Nitrates often released back into rivers


Photo via Jason Mrachina; Flickr
Des Moines cityscape. Photo via Jason Mrachina; Flickr

According to the Des Moines Register, Des Moines’ nitrate removal facility was responsible for dumping approximately 13,500 pounds of the contaminant into the Raccoon River last year.

Nitrates can be detrimental to human health if consumed in high enough quantities, which is why the U.S. Environmental Protection Agency requires drinking water to be monitored for the compound. However, once nitrates are removed from the drinking water, they are often released back into Iowa’s waterways.

The Des Moines location is not alone in this practice. The majority of Iowa’s other 15 nitrate removal facilities follow the same routine, and many do not monitor what quantity of nitrate they are releasing.

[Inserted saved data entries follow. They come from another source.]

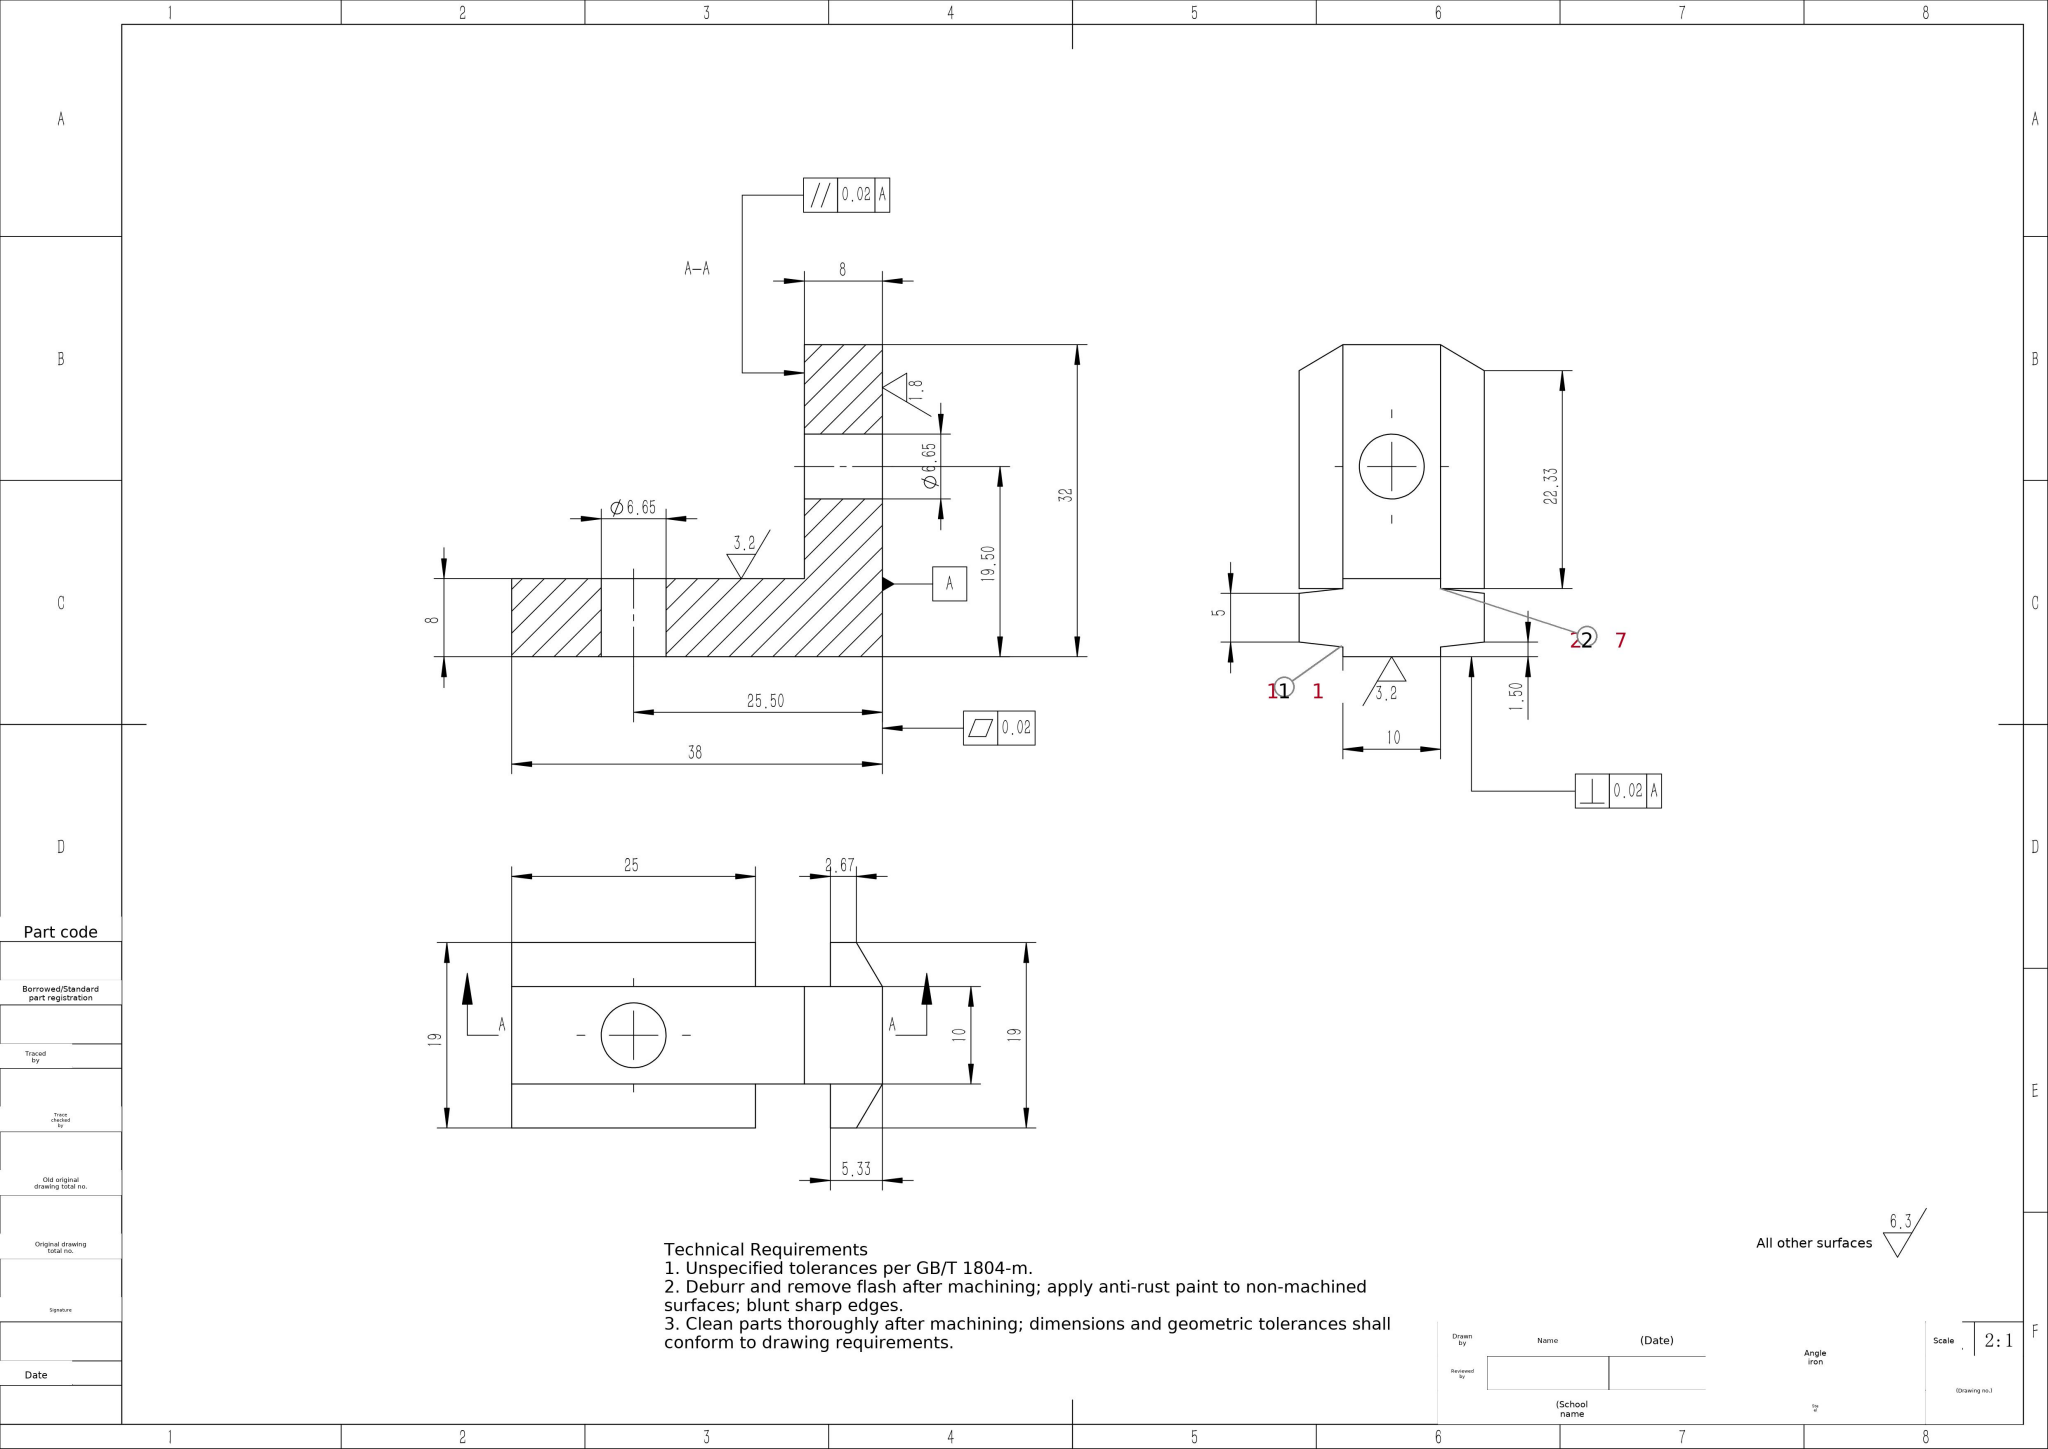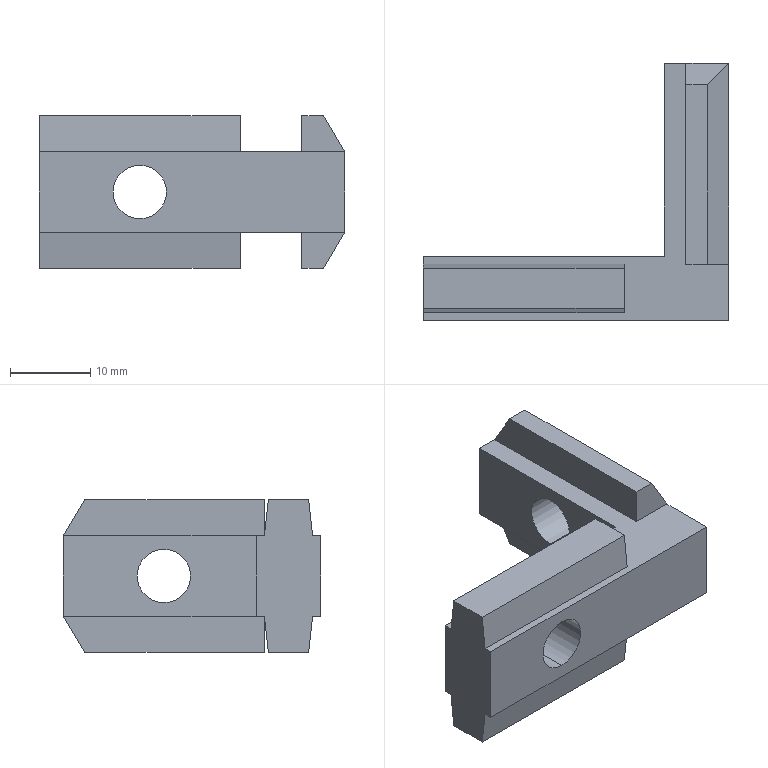Part | SolidWorks | mm | 1 solid | 30 faces | box 38 x 32 x 19 mm | volume 6500 mm3 | plane 26 | cylinder 4 | commonest cylinder face diameters 6.647 x4
STEP:
#1=CARTESIAN_POINT('',(0.,19.5,-3.324));
#2=VERTEX_POINT('',#1);
#3=CARTESIAN_POINT('',(0.,19.5,3.323));
#4=VERTEX_POINT('',#3);
#5=CARTESIAN_POINT('',(0.,19.5,-0.));
#6=DIRECTION('',(-1.,0.,0.));
#7=DIRECTION('',(0.,0.,1.));
#8=AXIS2_PLACEMENT_3D('',#5,#6,#7);
#9=CIRCLE('',#8,3.323);
#10=EDGE_CURVE('',#2,#4,#9,.T.);
#11=ORIENTED_EDGE('',*,*,#10,.F.);
#12=CARTESIAN_POINT('',(-8.,19.5,-3.323));
#13=VERTEX_POINT('',#12);
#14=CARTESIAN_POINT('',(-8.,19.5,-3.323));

Although this practice is completely legal, it has serious environmental ramifications. The Raccoon River is part of the Mississippi River watershed, which empties into the Gulf of Mexico. Midwest fertilizer runoff from the watershed, high in nitrates, is largely responsible for the Gulf of Mexico’s Dead Zone. Nitrate levels in the Gulf’s water allow algal blooms to thrive, which in turn leads to low oxygen levels that are deadly for many aquatic species.

The future is not completely bleak; progress is being made towards preventing the nitrates from reaching water systems in the first place. Farmers and researchers are collaborating to explore and advance environmentally sustainable agricultural practices.